管他听懂听不懂,幸之雾无法说得太露骨,只能用自己的语言宣告着她的心事。“虽然那天你是为了救我才和我那个那个的,但一想起我们之间竟然那个那个了,我就觉得非常那个。每每看到你,我的脑海里就会不自觉地出现那天晚上那个那个的情景。虽说我是你的命定之人,可我们才十六岁啊!未来会怎样,尚不可知。忽然就那个那个了,不是很那个嘛!我虽然也说过喜欢你的话,但喜欢和爱是不同的,万一日后我再碰到喜欢的人,可我已经和你那个那个了,不是总有些遗憾吗?再说了,你也没说过你爱我,你就和我那个那个了,也许你觉得无所谓,但我真的觉得有点那个……”

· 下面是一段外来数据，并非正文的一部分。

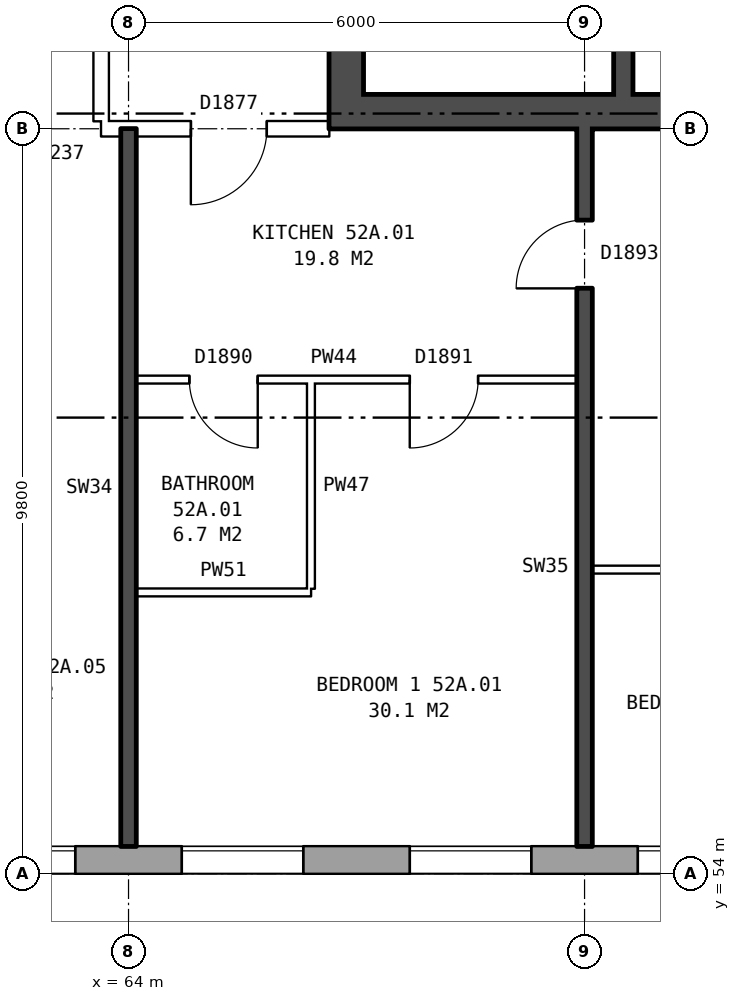
"""IFC4 building model, lengths in metres.
Left out: names, types, materials, properties, quantities, classifications, styles, units other than length and angle.
Written with IfcOpenShell. Run it as: python <this file> out.ifc"""

import sys

from ifc_helpers import new_model, si_unit, direction, frame, frame_2d, origin, place, context, subcontext, project, spatial, rectangle, extrude, element, fill, save


model = new_model("IFC4")
c1 = context("Model", 3, precision=1e-05, world=origin(), true_north=direction((0.0, 1.0)))
c2 = subcontext(c1, "Body", "Model", "MODEL_VIEW")
j1 = project(units=[si_unit("LENGTHUNIT", "METRE"), si_unit("PLANEANGLEUNIT", "RADIAN")], contexts=[c1])
p1 = place(None, origin())
s1 = spatial("IfcSite", under=j1, at=p1, CompositionType="ELEMENT")
p2 = place(p1, origin())
s2 = spatial("IfcBuilding", under=s1, at=p2, CompositionType="ELEMENT")
p3 = place(p2, frame((0.0, 0.0, 185.1)))
s3 = spatial("IfcBuildingStorey", under=s2, at=p3, CompositionType="ELEMENT", Elevation=185.1)
p4 = place(p3, frame((33.325, 54.18, 0.0), z_axis=(0.0, 0.0, 1.0), x_axis=(1.0, 0.0, 0.0)))
e1 = element("IfcWall", 1, at=p4, inside=s3, PredefinedType="STANDARD", context=c2, shape_type="SweptSolid", body=[
    extrude(rectangle(XDim=39.601, YDim=0.36, at=frame_2d((19.8, 0.0))), origin(), (0.0, 0.0, 1.0), 2.85),
])
p5 = place(p4, frame((1.375, 0.0, 0.8)))
e2 = element("IfcOpeningElement", 2, at=p5, cuts=e1, PredefinedType="OPENING", context=c2, shape_type="SweptSolid", body=[
    extrude(rectangle(XDim=1.6, YDim=1.8, at=frame_2d((0.8, 0.9))), frame((0.0, 0.19, 0.0), z_axis=(0.0, -1.0, 0.0), x_axis=(1.0, 0.0, 0.0)), (0.0, 0.0, 1.0), 0.38),
])
p6 = place(p4, frame((4.375, 0.0, 0.8)))
e3 = element("IfcOpeningElement", 3, at=p6, cuts=e1, PredefinedType="OPENING", context=c2, shape_type="SweptSolid", body=[
    extrude(rectangle(XDim=1.6, YDim=1.8, at=frame_2d((0.8, 0.9))), frame((0.0, 0.19, 0.0), z_axis=(0.0, -1.0, 0.0), x_axis=(1.0, 0.0, 0.0)), (0.0, 0.0, 1.0), 0.38),
])
p7 = place(p4, frame((7.375, 0.0, 0.8)))
e4 = element("IfcOpeningElement", 4, at=p7, cuts=e1, PredefinedType="OPENING", context=c2, shape_type="SweptSolid", body=[
    extrude(rectangle(XDim=1.6, YDim=1.8, at=frame_2d((0.8, 0.9))), frame((0.0, 0.19, 0.0), z_axis=(0.0, -1.0, 0.0), x_axis=(1.0, 0.0, 0.0)), (0.0, 0.0, 1.0), 0.38),
])
p8 = place(p4, frame((9.275, 0.0, 0.8)))
e5 = element("IfcOpeningElement", 5, at=p8, cuts=e1, PredefinedType="OPENING", context=c2, shape_type="SweptSolid", body=[
    extrude(rectangle(XDim=1.6, YDim=1.8, at=frame_2d((0.8, 0.9))), frame((0.0, 0.19, 0.0), z_axis=(0.0, -1.0, 0.0), x_axis=(1.0, 0.0, 0.0)), (0.0, 0.0, 1.0), 0.38),
])
p9 = place(p4, frame((13.075, 0.0, 0.8)))
e6 = element("IfcOpeningElement", 6, at=p9, cuts=e1, PredefinedType="OPENING", context=c2, shape_type="SweptSolid", body=[
    extrude(rectangle(XDim=0.6, YDim=0.9, at=frame_2d((0.3, 0.45))), frame((0.0, 0.19, 0.0), z_axis=(0.0, -1.0, 0.0), x_axis=(1.0, 0.0, 0.0)), (0.0, 0.0, 1.0), 0.38),
])
p10 = place(p4, frame((16.375, 0.0, 0.8)))
e7 = element("IfcOpeningElement", 7, at=p10, cuts=e1, PredefinedType="OPENING", context=c2, shape_type="SweptSolid", body=[
    extrude(rectangle(XDim=1.6, YDim=1.8, at=frame_2d((0.8, 0.9))), frame((0.0, 0.19, 0.0), z_axis=(0.0, -1.0, 0.0), x_axis=(1.0, 0.0, 0.0)), (0.0, 0.0, 1.0), 0.38),
])
p11 = place(p4, frame((19.375, 0.0, 0.8)))
e8 = element("IfcOpeningElement", 8, at=p11, cuts=e1, PredefinedType="OPENING", context=c2, shape_type="SweptSolid", body=[
    extrude(rectangle(XDim=1.6, YDim=1.8, at=frame_2d((0.8, 0.9))), frame((0.0, 0.19, 0.0), z_axis=(0.0, -1.0, 0.0), x_axis=(1.0, 0.0, 0.0)), (0.0, 0.0, 1.0), 0.38),
])
p12 = place(p4, frame((22.375, 0.0, 0.8)))
e9 = element("IfcOpeningElement", 9, at=p12, cuts=e1, PredefinedType="OPENING", context=c2, shape_type="SweptSolid", body=[
    extrude(rectangle(XDim=1.6, YDim=1.8, at=frame_2d((0.8, 0.9))), frame((0.0, 0.19, 0.0), z_axis=(0.0, -1.0, 0.0), x_axis=(1.0, 0.0, 0.0)), (0.0, 0.0, 1.0), 0.38),
])
p13 = place(p4, frame((24.875, 0.0, 0.75)))
e10 = element("IfcOpeningElement", 10, at=p13, cuts=e1, PredefinedType="OPENING", context=c2, shape_type="SweptSolid", body=[
    extrude(rectangle(XDim=0.8, YDim=1.8, at=frame_2d((0.4, 0.9))), frame((0.0, 0.19, 0.0), z_axis=(0.0, -1.0, 0.0), x_axis=(1.0, 0.0, 0.0)), (0.0, 0.0, 1.0), 0.38),
])
p14 = place(p4, frame((28.375, 0.0, 0.8)))
e11 = element("IfcOpeningElement", 11, at=p14, cuts=e1, PredefinedType="OPENING", context=c2, shape_type="SweptSolid", body=[
    extrude(rectangle(XDim=1.6, YDim=1.8, at=frame_2d((0.8, 0.9))), frame((0.0, 0.19, 0.0), z_axis=(0.0, -1.0, 0.0), x_axis=(1.0, 0.0, 0.0)), (0.0, 0.0, 1.0), 0.38),
])
p15 = place(p4, frame((31.375, 0.0, 0.8)))
e12 = element("IfcOpeningElement", 12, at=p15, cuts=e1, PredefinedType="OPENING", context=c2, shape_type="SweptSolid", body=[
    extrude(rectangle(XDim=1.6, YDim=1.8, at=frame_2d((0.8, 0.9))), frame((0.0, 0.19, 0.0), z_axis=(0.0, -1.0, 0.0), x_axis=(1.0, 0.0, 0.0)), (0.0, 0.0, 1.0), 0.38),
])
p16 = place(p4, frame((34.375, 0.0, 0.8)))
e13 = element("IfcOpeningElement", 13, at=p16, cuts=e1, PredefinedType="OPENING", context=c2, shape_type="SweptSolid", body=[
    extrude(rectangle(XDim=1.6, YDim=1.8, at=frame_2d((0.8, 0.9))), frame((0.0, 0.19, 0.0), z_axis=(0.0, -1.0, 0.0), x_axis=(1.0, 0.0, 0.0)), (0.0, 0.0, 1.0), 0.38),
])
p17 = place(p4, frame((37.375, 0.0, 0.8)))
e14 = element("IfcOpeningElement", 14, at=p17, cuts=e1, PredefinedType="OPENING", context=c2, shape_type="SweptSolid", body=[
    extrude(rectangle(XDim=1.6, YDim=1.8, at=frame_2d((0.8, 0.9))), frame((0.0, 0.19, 0.0), z_axis=(0.0, -1.0, 0.0), x_axis=(1.0, 0.0, 0.0)), (0.0, 0.0, 1.0), 0.38),
])
p18 = place(p4, frame((11.175, 0.0, 1.7)))
e15 = element("IfcOpeningElement", 15, at=p18, cuts=e1, PredefinedType="OPENING", context=c2, shape_type="SweptSolid", body=[
    extrude(rectangle(XDim=0.8, YDim=0.9, at=frame_2d((0.4, 0.45))), frame((0.0, 0.19, 0.0), z_axis=(0.0, -1.0, 0.0), x_axis=(1.0, 0.0, 0.0)), (0.0, 0.0, 1.0), 0.38),
])
p19 = place(p4, frame((13.975, 0.0, 0.8)))
e16 = element("IfcOpeningElement", 16, at=p19, cuts=e1, PredefinedType="OPENING", context=c2, shape_type="SweptSolid", body=[
    extrude(rectangle(XDim=1.4, YDim=1.8, at=frame_2d((0.7, 0.9))), frame((0.0, 0.19, 0.0), z_axis=(0.0, -1.0, 0.0), x_axis=(1.0, 0.0, 0.0)), (0.0, 0.0, 1.0), 0.38),
])
p20 = place(p4, frame((25.975, 0.0, 0.55)))
e17 = element("IfcOpeningElement", 17, at=p20, cuts=e1, PredefinedType="OPENING", context=c2, shape_type="SweptSolid", body=[
    extrude(rectangle(XDim=0.8, YDim=0.9, at=frame_2d((0.4, 0.45))), frame((0.0, 0.19, 0.0), z_axis=(0.0, -1.0, 0.0), x_axis=(1.0, 0.0, 0.0)), (0.0, 0.0, 1.0), 0.38),
])
p21 = place(p3, frame((66.865, 63.8, 0.0), z_axis=(0.0, 0.0, 1.0), x_axis=(0.0, 1.0, 0.0)))
e18 = element("IfcWall", 18, at=p21, inside=s3, PredefinedType="SHEAR", context=c2, shape_type="SweptSolid", body=[
    extrude(rectangle(XDim=12.4, YDim=0.45, at=frame_2d((6.2, 0.0))), origin(), (0.0, 0.0, 1.0), 2.85),
])
p22 = place(p21, frame((1.325, 0.0, 0.0)))
e19 = element("IfcOpeningElement", 19, at=p22, cuts=e18, PredefinedType="OPENING", context=c2, shape_type="SweptSolid", body=[
    extrude(rectangle(XDim=1.1, YDim=2.1, at=frame_2d((0.55, 1.05))), frame((0.0, 0.235, 0.0), z_axis=(0.0, -1.0, 0.0), x_axis=(1.0, 0.0, 0.0)), (0.0, 0.0, 1.0), 0.47),
])
p23 = place(p21, frame((3.6, 0.0, 0.0)))
e20 = element("IfcOpeningElement", 20, at=p23, cuts=e18, PredefinedType="OPENING", context=c2, shape_type="SweptSolid", body=[
    extrude(rectangle(XDim=1.1, YDim=2.1, at=frame_2d((0.55, 1.05))), frame((0.0, 0.235, 0.0), z_axis=(0.0, -1.0, 0.0), x_axis=(1.0, 0.0, 0.0)), (0.0, 0.0, 1.0), 0.47),
])
p24 = place(p21, frame((5.8, 0.0, 0.0)))
e21 = element("IfcOpeningElement", 21, at=p24, cuts=e18, PredefinedType="OPENING", context=c2, shape_type="SweptSolid", body=[
    extrude(rectangle(XDim=1.1, YDim=2.1, at=frame_2d((0.55, 1.05))), frame((0.0, 0.235, 0.0), z_axis=(0.0, -1.0, 0.0), x_axis=(1.0, 0.0, 0.0)), (0.0, 0.0, 1.0), 0.47),
])
p25 = place(p21, frame((8.0, 0.0, 0.0)))
e22 = element("IfcOpeningElement", 22, at=p25, cuts=e18, PredefinedType="OPENING", context=c2, shape_type="SweptSolid", body=[
    extrude(rectangle(XDim=1.1, YDim=2.1, at=frame_2d((0.55, 1.05))), frame((0.0, 0.235, 0.0), z_axis=(0.0, -1.0, 0.0), x_axis=(1.0, 0.0, 0.0)), (0.0, 0.0, 1.0), 0.47),
])
p26 = place(p21, frame((9.9, 0.0, 0.0)))
e23 = element("IfcOpeningElement", 23, at=p26, cuts=e18, PredefinedType="OPENING", context=c2, shape_type="SweptSolid", body=[
    extrude(rectangle(XDim=1.1, YDim=2.1, at=frame_2d((0.55, 1.05))), frame((0.0, 0.235, 0.0), z_axis=(0.0, -1.0, 0.0), x_axis=(1.0, 0.0, 0.0)), (0.0, 0.0, 1.0), 0.47),
])
p27 = place(p3, frame((67.09, 64.025, 0.0), z_axis=(0.0, 0.0, 1.0), x_axis=(1.0, 0.0, 0.0)))
e24 = element("IfcWall", 24, at=p27, inside=s3, PredefinedType="SHEAR", context=c2, shape_type="SweptSolid", body=[
    extrude(rectangle(XDim=8.1, YDim=0.45, at=frame_2d((4.05, 0.0))), origin(), (0.0, 0.0, 1.0), 2.85),
])
p28 = place(p3, frame((70.51, 64.25, 0.0), z_axis=(0.0, 0.0, 1.0), x_axis=(0.0, 1.0, 0.0)))
e25 = element("IfcWall", 25, at=p28, inside=s3, PredefinedType="SHEAR", context=c2, shape_type="SweptSolid", body=[
    extrude(rectangle(XDim=2.475, YDim=0.25, at=frame_2d((1.238, 0.0))), origin(), (0.0, 0.0, 1.0), 2.85),
])
p29 = place(p3, frame((63.64, 63.9, 0.0), z_axis=(0.0, 0.0, 1.0), x_axis=(0.0, 1.0, 0.0)))
e26 = element("IfcWall", 26, at=p29, inside=s3, PredefinedType="PARTITIONING", context=c2, shape_type="SweptSolid", body=[
    extrude(rectangle(XDim=12.2, YDim=0.2, at=frame_2d((6.1, 0.0))), origin(), (0.0, 0.0, 1.0), 2.85),
])
p30 = place(p29, frame((5.1, 0.0, 0.0)))
e27 = element("IfcOpeningElement", 27, at=p30, cuts=e26, PredefinedType="OPENING", context=c2, shape_type="SweptSolid", body=[
    extrude(rectangle(XDim=2.0, YDim=2.1, at=frame_2d((1.0, 1.05))), frame((0.0, 0.11, 0.0), z_axis=(0.0, -1.0, 0.0), x_axis=(1.0, 0.0, 0.0)), (0.0, 0.0, 1.0), 0.22),
])
p31 = place(p3, frame((64.1, 57.7, 0.0), z_axis=(0.0, 0.0, 1.0), x_axis=(1.0, 0.0, 0.0)))
e28 = element("IfcWall", 28, at=p31, inside=s3, PredefinedType="PARTITIONING", context=c2, shape_type="SweptSolid", body=[
    extrude(rectangle(XDim=2.3, YDim=0.1, at=frame_2d((1.15, 0.0))), origin(), (0.0, 0.0, 1.0), 2.85),
])
p32 = place(p3, frame((70.1, 58.0, 0.0), z_axis=(0.0, 0.0, 1.0), x_axis=(1.0, 0.0, 0.0)))
e29 = element("IfcWall", 29, at=p32, inside=s3, PredefinedType="PARTITIONING", context=c2, shape_type="SweptSolid", body=[
    extrude(rectangle(XDim=5.54, YDim=0.1, at=frame_2d((2.77, 0.0))), origin(), (0.0, 0.0, 1.0), 2.85),
])
p33 = place(p32, frame((2.32, 0.0, 0.0)))
e30 = element("IfcOpeningElement", 30, at=p33, cuts=e29, PredefinedType="OPENING", context=c2, shape_type="SweptSolid", body=[
    extrude(rectangle(XDim=0.9, YDim=2.1, at=frame_2d((0.45, 1.05))), frame((0.0, 0.06, 0.0), z_axis=(0.0, -1.0, 0.0), x_axis=(1.0, 0.0, 0.0)), (0.0, 0.0, 1.0), 0.12),
])
p34 = place(p3, frame((64.1, 60.5, 0.0), z_axis=(0.0, 0.0, 1.0), x_axis=(1.0, 0.0, 0.0)))
e31 = element("IfcWall", 31, at=p34, inside=s3, PredefinedType="PARTITIONING", context=c2, shape_type="SweptSolid", body=[
    extrude(rectangle(XDim=5.8, YDim=0.1, at=frame_2d((2.9, 0.0))), origin(), (0.0, 0.0, 1.0), 2.85),
])
p35 = place(p34, frame((3.6, 0.0, 0.0)))
e32 = element("IfcOpeningElement", 32, at=p35, cuts=e31, PredefinedType="OPENING", context=c2, shape_type="SweptSolid", body=[
    extrude(rectangle(XDim=0.9, YDim=2.1, at=frame_2d((0.45, 1.05))), frame((0.0, 0.06, 0.0), z_axis=(0.0, -1.0, 0.0), x_axis=(1.0, 0.0, 0.0)), (0.0, 0.0, 1.0), 0.12),
])
p36 = place(p34, frame((0.7, 0.0, 0.0)))
e33 = element("IfcOpeningElement", 33, at=p36, cuts=e31, PredefinedType="OPENING", context=c2, shape_type="SweptSolid", body=[
    extrude(rectangle(XDim=0.9, YDim=2.1, at=frame_2d((0.45, 1.05))), frame((0.0, 0.06, 0.0), z_axis=(0.0, -1.0, 0.0), x_axis=(1.0, 0.0, 0.0)), (0.0, 0.0, 1.0), 0.12),
])
p37 = place(p3, frame((63.64, 63.8, 0.0), z_axis=(0.0, 0.0, 1.0), x_axis=(1.0, 0.0, 0.0)))
e34 = element("IfcWall", 34, at=p37, inside=s3, PredefinedType="PARTITIONING", context=c2, shape_type="SweptSolid", body=[
    extrude(rectangle(XDim=3.0, YDim=0.2, at=frame_2d((1.5, 0.0))), origin(), (0.0, 0.0, 1.0), 2.85),
])
p38 = place(p37, frame((1.18, 0.0, 0.0)))
e35 = element("IfcOpeningElement", 35, at=p38, cuts=e34, PredefinedType="OPENING", context=c2, shape_type="SweptSolid", body=[
    extrude(rectangle(XDim=1.0, YDim=2.1, at=frame_2d((0.5, 1.05))), frame((0.0, 0.11, 0.0), z_axis=(0.0, -1.0, 0.0), x_axis=(1.0, 0.0, 0.0)), (0.0, 0.0, 1.0), 0.22),
])
p39 = place(p3, frame((64.0, 54.36, 0.0), z_axis=(0.0, 0.0, 1.0), x_axis=(0.0, 1.0, 0.0)))
e36 = element("IfcWall", 36, at=p39, inside=s3, PredefinedType="SOLIDWALL", context=c2, shape_type="SweptSolid", body=[
    extrude(rectangle(XDim=9.44, YDim=0.2, at=frame_2d((4.72, 0.0))), origin(), (0.0, 0.0, 1.0), 2.85),
])
p40 = place(p3, frame((66.4, 57.75, 0.0), z_axis=(0.0, 0.0, 1.0), x_axis=(0.0, 1.0, 0.0)))
e37 = element("IfcWall", 37, at=p40, inside=s3, PredefinedType="PARTITIONING", context=c2, shape_type="SweptSolid", body=[
    extrude(rectangle(XDim=2.7, YDim=0.1, at=frame_2d((1.35, 0.0))), origin(), (0.0, 0.0, 1.0), 2.85),
])
p41 = place(p3, frame((70.0, 54.36, 0.0), z_axis=(0.0, 0.0, 1.0), x_axis=(0.0, 1.0, 0.0)))
e38 = element("IfcWall", 38, at=p41, inside=s3, PredefinedType="SOLIDWALL", context=c2, shape_type="SweptSolid", body=[
    extrude(rectangle(XDim=9.44, YDim=0.2, at=frame_2d((4.72, 0.0))), origin(), (0.0, 0.0, 1.0), 2.85),
])
p42 = place(p41, frame((7.34, 0.0, 0.0)))
e39 = element("IfcOpeningElement", 39, at=p42, cuts=e38, PredefinedType="OPENING", context=c2, shape_type="SweptSolid", body=[
    extrude(rectangle(XDim=0.9, YDim=2.1, at=frame_2d((0.45, 1.05))), frame((0.0, 0.11, 0.0), z_axis=(0.0, -1.0, 0.0), x_axis=(1.0, 0.0, 0.0)), (0.0, 0.0, 1.0), 0.22),
])
p43 = place(p14, origin())
e40 = element("IfcWindow", 40, at=p43, inside=s3, PartitioningType="SINGLE_PANEL", PredefinedType="WINDOW", context=c2, shape_type="SweptSolid", body=[
    extrude(rectangle(XDim=1.6, YDim=1.8, at=frame_2d((0.8, 0.9))), frame((0.0, 0.15, 0.0), z_axis=(0.0, -1.0, 0.0), x_axis=(1.0, 0.0, 0.0)), (0.0, 0.0, 1.0), 0.06),
])
fill(e11, e40)
p44 = place(p15, origin())
e41 = element("IfcWindow", 41, at=p44, inside=s3, PartitioningType="SINGLE_PANEL", PredefinedType="WINDOW", context=c2, shape_type="SweptSolid", body=[
    extrude(rectangle(XDim=1.6, YDim=1.8, at=frame_2d((0.8, 0.9))), frame((0.0, 0.15, 0.0), z_axis=(0.0, -1.0, 0.0), x_axis=(1.0, 0.0, 0.0)), (0.0, 0.0, 1.0), 0.06),
])
fill(e12, e41)
p45 = place(p16, origin())
e42 = element("IfcWindow", 42, at=p45, inside=s3, PartitioningType="SINGLE_PANEL", PredefinedType="WINDOW", context=c2, shape_type="SweptSolid", body=[
    extrude(rectangle(XDim=1.6, YDim=1.8, at=frame_2d((0.8, 0.9))), frame((0.0, 0.15, 0.0), z_axis=(0.0, -1.0, 0.0), x_axis=(1.0, 0.0, 0.0)), (0.0, 0.0, 1.0), 0.06),
])
fill(e13, e42)
p46 = place(p17, origin())
e43 = element("IfcWindow", 43, at=p46, inside=s3, PartitioningType="SINGLE_PANEL", PredefinedType="WINDOW", context=c2, shape_type="SweptSolid", body=[
    extrude(rectangle(XDim=1.6, YDim=1.8, at=frame_2d((0.8, 0.9))), frame((0.0, 0.15, 0.0), z_axis=(0.0, -1.0, 0.0), x_axis=(1.0, 0.0, 0.0)), (0.0, 0.0, 1.0), 0.06),
])
fill(e14, e43)
p47 = place(p35, frame((0.9, 0.0, 0.0), z_axis=(0.0, 0.0, 1.0), x_axis=(-1.0, 0.0, 0.0)))
e44 = element("IfcDoor", 44, at=p47, inside=s3, OperationType="SINGLE_SWING_RIGHT", PredefinedType="DOOR", context=c2, shape_type="SweptSolid", body=[
    extrude(rectangle(XDim=0.9, YDim=2.1, at=frame_2d((0.45, 1.05))), frame((0.0, 0.025, 0.0), z_axis=(0.0, -1.0, 0.0), x_axis=(1.0, 0.0, 0.0)), (0.0, 0.0, 1.0), 0.05),
])
fill(e32, e44)
p48 = place(p38, frame((1.0, 0.0, 0.0), z_axis=(0.0, 0.0, 1.0), x_axis=(-1.0, 0.0, 0.0)))
e45 = element("IfcDoor", 45, at=p48, inside=s3, OperationType="SINGLE_SWING_RIGHT", PredefinedType="DOOR", context=c2, shape_type="SweptSolid", body=[
    extrude(rectangle(XDim=1.0, YDim=2.1, at=frame_2d((0.5, 1.05))), frame((0.0, 0.025, 0.0), z_axis=(0.0, -1.0, 0.0), x_axis=(1.0, 0.0, 0.0)), (0.0, 0.0, 1.0), 0.05),
])
fill(e35, e45)
p49 = place(p42, origin())
e46 = element("IfcDoor", 46, at=p49, inside=s3, OperationType="SINGLE_SWING_LEFT", PredefinedType="DOOR", context=c2, shape_type="SweptSolid", body=[
    extrude(rectangle(XDim=0.9, YDim=2.1, at=frame_2d((0.45, 1.05))), frame((0.0, 0.025, 0.0), z_axis=(0.0, -1.0, 0.0), x_axis=(1.0, 0.0, 0.0)), (0.0, 0.0, 1.0), 0.05),
])
fill(e39, e46)
p50 = place(p36, frame((0.9, 0.0, 0.0), z_axis=(0.0, 0.0, 1.0), x_axis=(-1.0, 0.0, 0.0)))
e47 = element("IfcDoor", 47, at=p50, inside=s3, OperationType="SINGLE_SWING_LEFT", PredefinedType="DOOR", context=c2, shape_type="SweptSolid", body=[
    extrude(rectangle(XDim=0.9, YDim=2.1, at=frame_2d((0.45, 1.05))), frame((0.0, 0.025, 0.0), z_axis=(0.0, -1.0, 0.0), x_axis=(1.0, 0.0, 0.0)), (0.0, 0.0, 1.0), 0.05),
])
fill(e33, e47)
save(model, sys.argv[1])

“喀!”卓远之做了一个暂停的手势,再听下去,他的心结是解开了,但新的疙瘩会直接勒住他的喉结,让他缺氧而死。
“什么叫万一日后你再碰到喜欢的人,可你已经和我那个那个了,总有些遗憾?”卓远之恨不得把那个可能出现跟她那个那个的人给掐死——虽然那个人也许永远不会出现,他也不允许他出现,更不允许他们那个那个。
他的目光透着凶恶,好像要掐死她似的。幸之雾害怕地瑟缩了一下,他从不曾用这样的眸光对着她。“我……我我我我我我说得不对吗?未来……未来总会有无数种可能。你也不知道我们之间到底会怎样对不对?万一你不要我了,我我我我我找另一个男人也是很正常的事啊!那个那个是早晚的事。”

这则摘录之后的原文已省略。